Only child syndrome According to RESOLVE: The National Infertility Association, parents of one child can feel as though they are failing if they don’t provide that child with a built-in playmate. In addition, they sometimes have more acute fears that something will happen to their only child and they mourn each passing stage of childhood. In other cases, the parents simply dislike the concept of only children.
“There can be a really strong perception in our society that an only child is spoiled, a brat, can’t get along with others, can’t get along with age-mates, is too adult,” says Stout. “Research shows that only children fare very well, but there’s a great deal of myth and worry about that kind of thing.”
Dion says of one-child families: “People assume you wanted it that way.” In addition to her infertility stress, Dion had been caring for her mother who was diagnosed with Alzheimer’s. When her mother recently passed away, it was Dion who had to make the funeral arrangements. “I’m an only child, so I’ve had to deal with my mom’s situation all alone. I’m particularly sensitive to not wanting [my son] to be an only child,” she says.
Many of the families Stout counsels have a dream of their ideal family size and they feel “there is a missing person in their family” if the size falls short, she says.
Coping strategies Another unique challenge for secondary infertility patients is that they must be part of the parent scene daily.

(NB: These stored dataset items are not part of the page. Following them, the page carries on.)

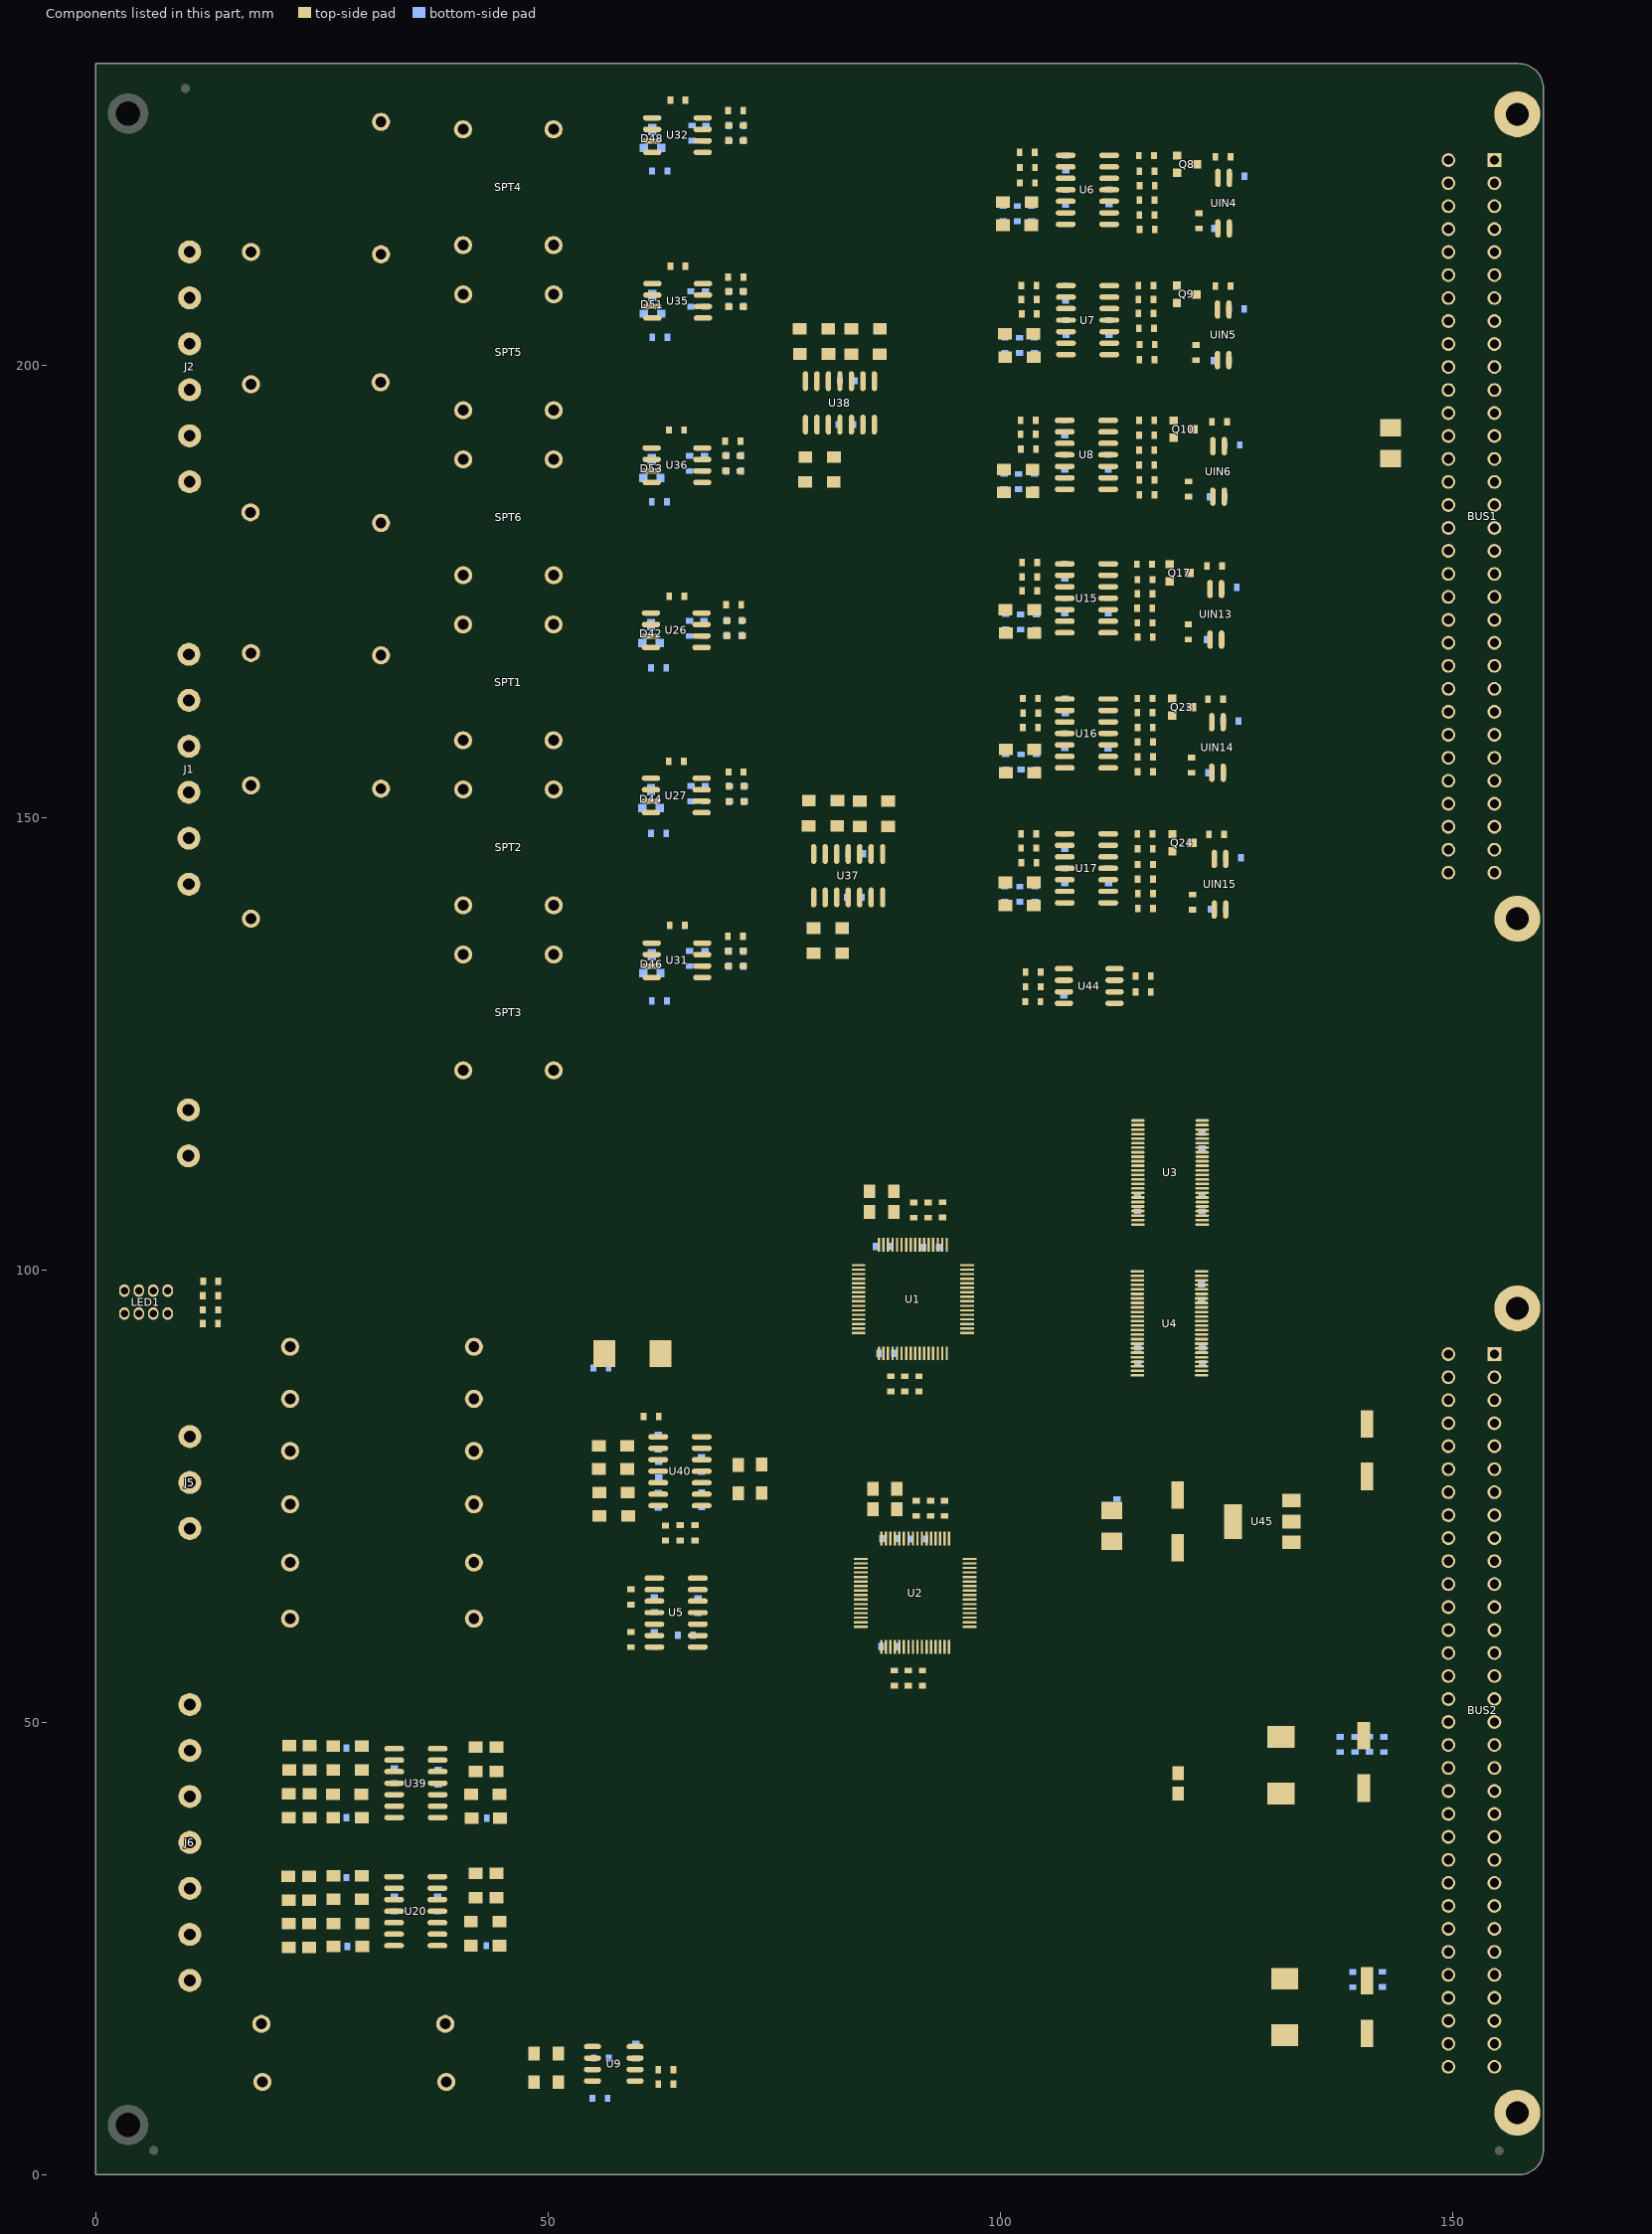
[diagram p0: the components of this part, seen from the top]
# Altium PCB MISC80584.PCBDoc (part 7 of 7)
Units mm, origin at the board's own origin, x right, y up, seen from the top; angles counter-clockwise.
Board outline 160.02 x 233.3 mm, 4 copper layers (TopLayer, GND, POWER, BottomLayer); 386 components, 266 nets, 1374 pads, 640 vias.

## Polygon pours and split planes (outlines as drawn) (continued)
AGND on TopLayer "Top Layer-No Net" (solid, remove dead copper): -1.784,125.495 -1.784,13.481 0.705,10.992 1.061,10.636 3.575,10.636 7.69,10.636 8.35,9.976 8.681,9.646 8.681,8.528 8.681,3.016 9.163,2.534 9.57,2.127 10.713,2.127 151.784,2.127 152.749,3.093 152.902,3.245 152.902,6.141 152.902,10.103 153.715,10.916 153.74,10.941 157.067,10.941 157.499,10.941 157.982,11.424 158.261,11.703 158.261,14.142 158.261,223.361 157.575,224.047 157.321,224.301 156.305,224.301 154.553,224.301 153.842,225.012 153.003,225.851 153.003,227.121 153.003,230.626 152.089,231.54 151.86,231.769 149.955,231.769 59.582,231.769 59.277,231.464 58.134,230.321 58.134,226.105 58.134,118.231 57.245,117.342 56.509,116.605 51.581,116.605 23.717,116.605 22.574,117.748 22.447,117.875 22.447,120.491 22.447,126.079 20.72,127.807 20.238,128.289 17.698,128.289 1.213,128.289 -0.514,126.562 -1.581,125.495 -1.784,125.495
GND on TopLayer "Top Layer-No Net" (solid, remove dead copper): 107.848,75.413 107.848,45.06 108.534,44.374 109.322,43.586 120.929,43.586 121.183,43.84 121.336,43.993 121.336,45.212 121.336,58.979 123.901,61.544 124.003,61.646 129.057,61.646 135.89,61.646 137.033,62.789 137.871,63.627 137.871,65.964 137.871,69.113 137.871,69.774 137.109,70.536 136.957,70.688 132.817,70.688 130.734,70.688 129.769,69.723 128.499,68.453 124.968,68.453 123.8,68.453 121.742,70.51 121.158,71.095 113.767,71.095 110.642,71.095 110.439,71.298 109.957,71.78 109.957,72.517 109.957,78.207 110.871,79.121 111.379,79.629 111.608,79.858 130.505,79.858 130.988,80.34 131.801,81.153 139.624,81.153 142.088,81.153 142.773,81.839 143.154,82.22 149.25,82.22 155.499,82.22 155.778,82.499 155.931,82.652 155.931,83.541 155.931,91.567 155.702,91.796 155.651,91.846 154.559,91.846 130.531,91.846 127.076,88.392 125.679,86.995 120.345,86.995 112.878,86.995 110.134,84.252 107.848,81.966 107.848,75.413
+15V on TopLayer "Top Layer-No Net" (solid, remove dead copper): 51.867,91.897 51.867,89.484 51.867,88.976 52.273,88.57 52.756,88.087 54.127,88.087 57.353,88.087 57.582,88.316 57.81,88.544 57.81,89.332 57.81,92.837 57.252,93.396 57.175,93.472 55.982,93.472 52.705,93.472 52.146,92.913 51.867,92.634 51.867,91.897
+5V on TopLayer "TopLayer-No Net" (solid, remove dead copper, pour order 1002): 141.072,189.56 141.072,186.665 144.018,183.718 144.094,183.642 154.432,183.642 155.346,183.642 155.6,183.896 155.956,184.252 155.956,185.293 155.956,194.869 155.55,195.275 155.346,195.478 155.296,195.529 148.615,195.529 147.447,195.529 147.168,195.25 146.888,194.97 146.888,194.513 146.888,191.338 146.685,191.135 146.304,190.754 144.856,190.754 141.453,190.754 141.224,190.525 141.072,190.373 141.072,189.56
+5V on TopLayer "TopLayer-No Net" (solid, remove dead copper, pour order 1001): 130.962,76.505 130.962,73.99 130.962,73.889 131.14,73.711 131.801,73.711 133.426,73.711 138.074,73.711 138.227,73.558 139.751,72.034 153.873,72.034 155.321,72.034 155.55,72.263 155.905,72.619 155.905,73.177 155.905,80.772 155.55,81.128 155.296,81.382 155.245,81.432 155.219,81.407 146.406,81.407 145.415,81.407 143.967,79.959 142.977,78.969 140.538,78.969 132.283,78.969 132.207,78.969 132.08,78.969 131.343,78.232 131.039,77.927 130.962,77.851 130.962,76.505
+3.3V on TopLayer "TopLayer-No Net" (solid, remove dead copper, pour order 1000): 110.642,76.429 110.642,74.143 110.642,73.482 110.642,72.923 110.642,72.72 111.049,72.314 114.046,72.314 115.138,73.406 119.888,73.406 122.301,73.406 122.987,72.72 123.419,72.288 123.419,71.73 123.419,70.587 123.825,70.18 124.308,69.698 124.689,69.698 128.295,69.698 129.337,70.739 129.972,71.374 131.877,71.374 133.172,71.374 133.299,71.501 133.375,71.577 133.375,71.704 133.375,72.923 133.274,73.025 133.223,73.076 133.172,73.127 129.997,73.127 124.257,78.867 112.192,78.867 111.506,78.867 110.769,78.13 110.668,78.029 110.642,78.003 110.642,76.454
+5VREF on TopLayer "Top Layer-No Net" (solid, remove dead copper, pour order 1000): 116.256,132.867 116.256,132.131 116.256,132.029 116.485,131.902 116.669,131.801 117.495,131.801 120.202,131.801 120.431,131.928 120.523,131.978 120.523,132.563 120.523,132.969 120.248,133.121 120.202,133.147 119.238,133.147 116.531,133.147 116.348,133.045 116.256,132.994 116.256,132.867
+15V on TopLayer "TopLayer-No Net" (solid, remove dead copper, pour order 1000): 128.397,50.47 128.397,48.26 128.397,47.549 128.397,47.447 129.032,46.812 129.057,46.787 129.235,46.609 155.372,46.609 155.524,46.609 155.575,46.609 156.337,47.371 156.54,47.574 156.54,49.428 156.54,57.633 155.854,58.318 155.6,58.572 154.788,58.572 147.955,58.572 147.168,57.785 142.926,53.543 142.545,53.162 131.445,53.162 129.997,53.162 129.515,52.68 128.397,51.562 128.397,50.47
-15V on TopLayer "TopLayer-No Net" (solid, remove dead copper, pour order 1001): 128.473,24.282 128.473,21.514 128.473,20.803 128.829,20.447 129.438,19.837 140.208,19.837 145.644,19.837 146.685,18.796 146.863,18.618 146.888,18.593 155.448,18.593 155.55,18.593 155.829,18.872 156.718,19.761 156.718,32.233 156.718,32.512 156.718,32.588 155.931,33.376 155.88,33.426 153.086,33.426 148.336,33.426 146.964,32.055 143.129,28.219 139.37,28.219 130.734,28.219 129.159,26.645 128.473,25.959 128.473,24.282
AGND on BottomLayer "Top Layer-No Net" (solid, remove dead copper): -1.778,125.508 -1.778,13.494 0.711,11.005 1.067,10.649 3.581,10.649 7.696,10.649 8.357,9.989 8.687,9.659 8.687,8.541 8.687,3.029 9.169,2.547 9.576,2.14 10.719,2.14 151.79,2.14 152.756,3.106 152.908,3.258 152.908,6.154 152.908,10.116 153.721,10.929 153.746,10.954 157.074,10.954 157.505,10.954 157.988,11.437 158.267,11.716 158.267,14.155 158.267,223.374 157.582,224.06 157.328,224.314 156.312,224.314 154.559,224.314 153.848,225.025 153.01,225.864 153.01,227.134 153.01,230.639 152.095,231.553 151.867,231.782 149.962,231.782 59.588,231.782 59.284,231.477 58.141,230.334 58.141,226.118 58.141,118.244 57.252,117.355 56.515,116.618 51.587,116.618 23.724,116.618 22.581,117.761 22.454,117.888 22.454,120.504 22.454,126.092 20.726,127.82 20.244,128.302 17.704,128.302 1.219,128.302 -0.508,126.575 -1.575,125.508 -1.778,125.508
+5VREF on BottomLayer "Top Layer-No Net" (solid, remove dead copper, pour order 1001): 118.694,132.994 118.694,132.156 118.77,132.08 119.05,131.801 119.532,131.801 120.548,131.801 120.752,132.004 120.828,132.08 120.828,132.436 120.828,133.426 120.625,133.629 120.498,133.756 120.193,133.756 119.964,133.756 119.761,133.553 119.558,133.35 119.38,133.35 118.897,133.35 118.77,133.223 118.694,133.147 118.694,133.02
+15V on BottomLayer "TopLayer-No Net" (solid, remove dead copper, pour order 1002): 136.754,49.911 136.754,48.336 136.906,48.184 137.058,48.031 137.084,48.057 141.351,48.057 142.824,48.057 142.9,48.133 143.002,48.235 143.002,48.463 143.002,51.206 142.418,51.791 142.265,51.943 140.843,51.943 138.201,51.943 138.024,51.765 136.754,50.495 136.754,49.911
-15V on BottomLayer "TopLayer-No Net" (solid, remove dead copper, pour order 1003): 138.227,24.536 138.227,22.327 138.324,22.2 138.558,21.895 139.025,21.895 142.819,21.895 143.014,22.149 143.053,22.2 143.053,22.555 143.053,24.689 142.644,25.222 138.752,25.222 138.227,24.536
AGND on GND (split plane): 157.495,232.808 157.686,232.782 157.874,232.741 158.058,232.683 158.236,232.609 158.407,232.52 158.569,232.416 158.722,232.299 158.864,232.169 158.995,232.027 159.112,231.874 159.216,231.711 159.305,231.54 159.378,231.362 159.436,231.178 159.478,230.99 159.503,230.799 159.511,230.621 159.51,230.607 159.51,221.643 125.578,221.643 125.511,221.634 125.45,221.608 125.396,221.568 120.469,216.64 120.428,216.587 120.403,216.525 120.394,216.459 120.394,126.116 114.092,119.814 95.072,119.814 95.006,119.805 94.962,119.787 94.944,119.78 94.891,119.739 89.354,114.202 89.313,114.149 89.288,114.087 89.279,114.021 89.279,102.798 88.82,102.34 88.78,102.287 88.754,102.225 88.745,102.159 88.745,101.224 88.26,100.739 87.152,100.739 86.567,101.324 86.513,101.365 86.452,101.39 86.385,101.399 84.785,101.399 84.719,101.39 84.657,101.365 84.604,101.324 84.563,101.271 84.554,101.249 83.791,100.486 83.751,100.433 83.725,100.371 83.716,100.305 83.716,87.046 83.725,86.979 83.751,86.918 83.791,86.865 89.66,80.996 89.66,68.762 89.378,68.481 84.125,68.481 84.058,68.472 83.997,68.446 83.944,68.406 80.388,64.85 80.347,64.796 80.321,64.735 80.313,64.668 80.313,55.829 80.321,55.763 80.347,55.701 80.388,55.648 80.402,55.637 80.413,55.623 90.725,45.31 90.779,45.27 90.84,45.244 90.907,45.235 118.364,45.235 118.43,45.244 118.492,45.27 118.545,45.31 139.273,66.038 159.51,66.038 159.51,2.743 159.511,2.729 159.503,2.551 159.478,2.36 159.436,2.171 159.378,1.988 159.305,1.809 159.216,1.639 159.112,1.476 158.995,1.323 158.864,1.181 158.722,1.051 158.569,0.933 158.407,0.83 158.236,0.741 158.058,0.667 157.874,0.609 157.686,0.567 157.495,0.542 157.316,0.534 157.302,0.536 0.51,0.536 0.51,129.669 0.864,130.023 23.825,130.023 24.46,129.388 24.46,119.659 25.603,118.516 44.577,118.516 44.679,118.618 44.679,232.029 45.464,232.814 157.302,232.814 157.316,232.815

Hearing others talking about how easily they conceived or complaining about being pregnant can sometimes be too much to bear.
“I came to the point where I just started avoiding it,” McNamara says. “Every playgroup I’d go to, it’d be all this pregnancy talk, and I’m sitting here going, ‘I’m going in for surgery.’ ” Dion also left a playgroup because it became a constant reminder of her inability to have another child.
Dion and McNamara have found solace in a new playgroup called “Parenting After Infertility,” organized by the Illinois chapter of RESOLVE: The National Fertility Association.
Some families find solace online or through counseling. “If, for days on end, it seems like you’re crying, having difficulty sleeping, eating, caring for your child—you really need to go see somebody,” says Stout. Counselors can also help couples sort through the infertility issues and emotions that impact their relationship.
Different perspective “I’ve learned a lot about anybody who goes through infertility, and to be more compassionate about it,” says McNamara. “I used to be the one to say, ‘So, when are you getting pregnant?’ Now I don’t say a word.” If she is asked about her situation, McNamara shares her story because she knows the other person might be having trouble, too.
Infertility for Principata has given her greater appreciation of the moment. Although she dreams of having more children, she enjoys her daughter as much as she can. The one-shot experience makes it all that much more poignant.
Simple milestones become bittersweet, such as when she switched her daughter out of the crib and into a toddler bed. “It was like, OK, she’s out of the baby bed. We don’t need the little baby bed anymore. That’s it.” Principata’s voice softens. “That’s hard.”
Jill S. Browning is a writer living in Downers Grove. She has three children, all of whom were born on the same day.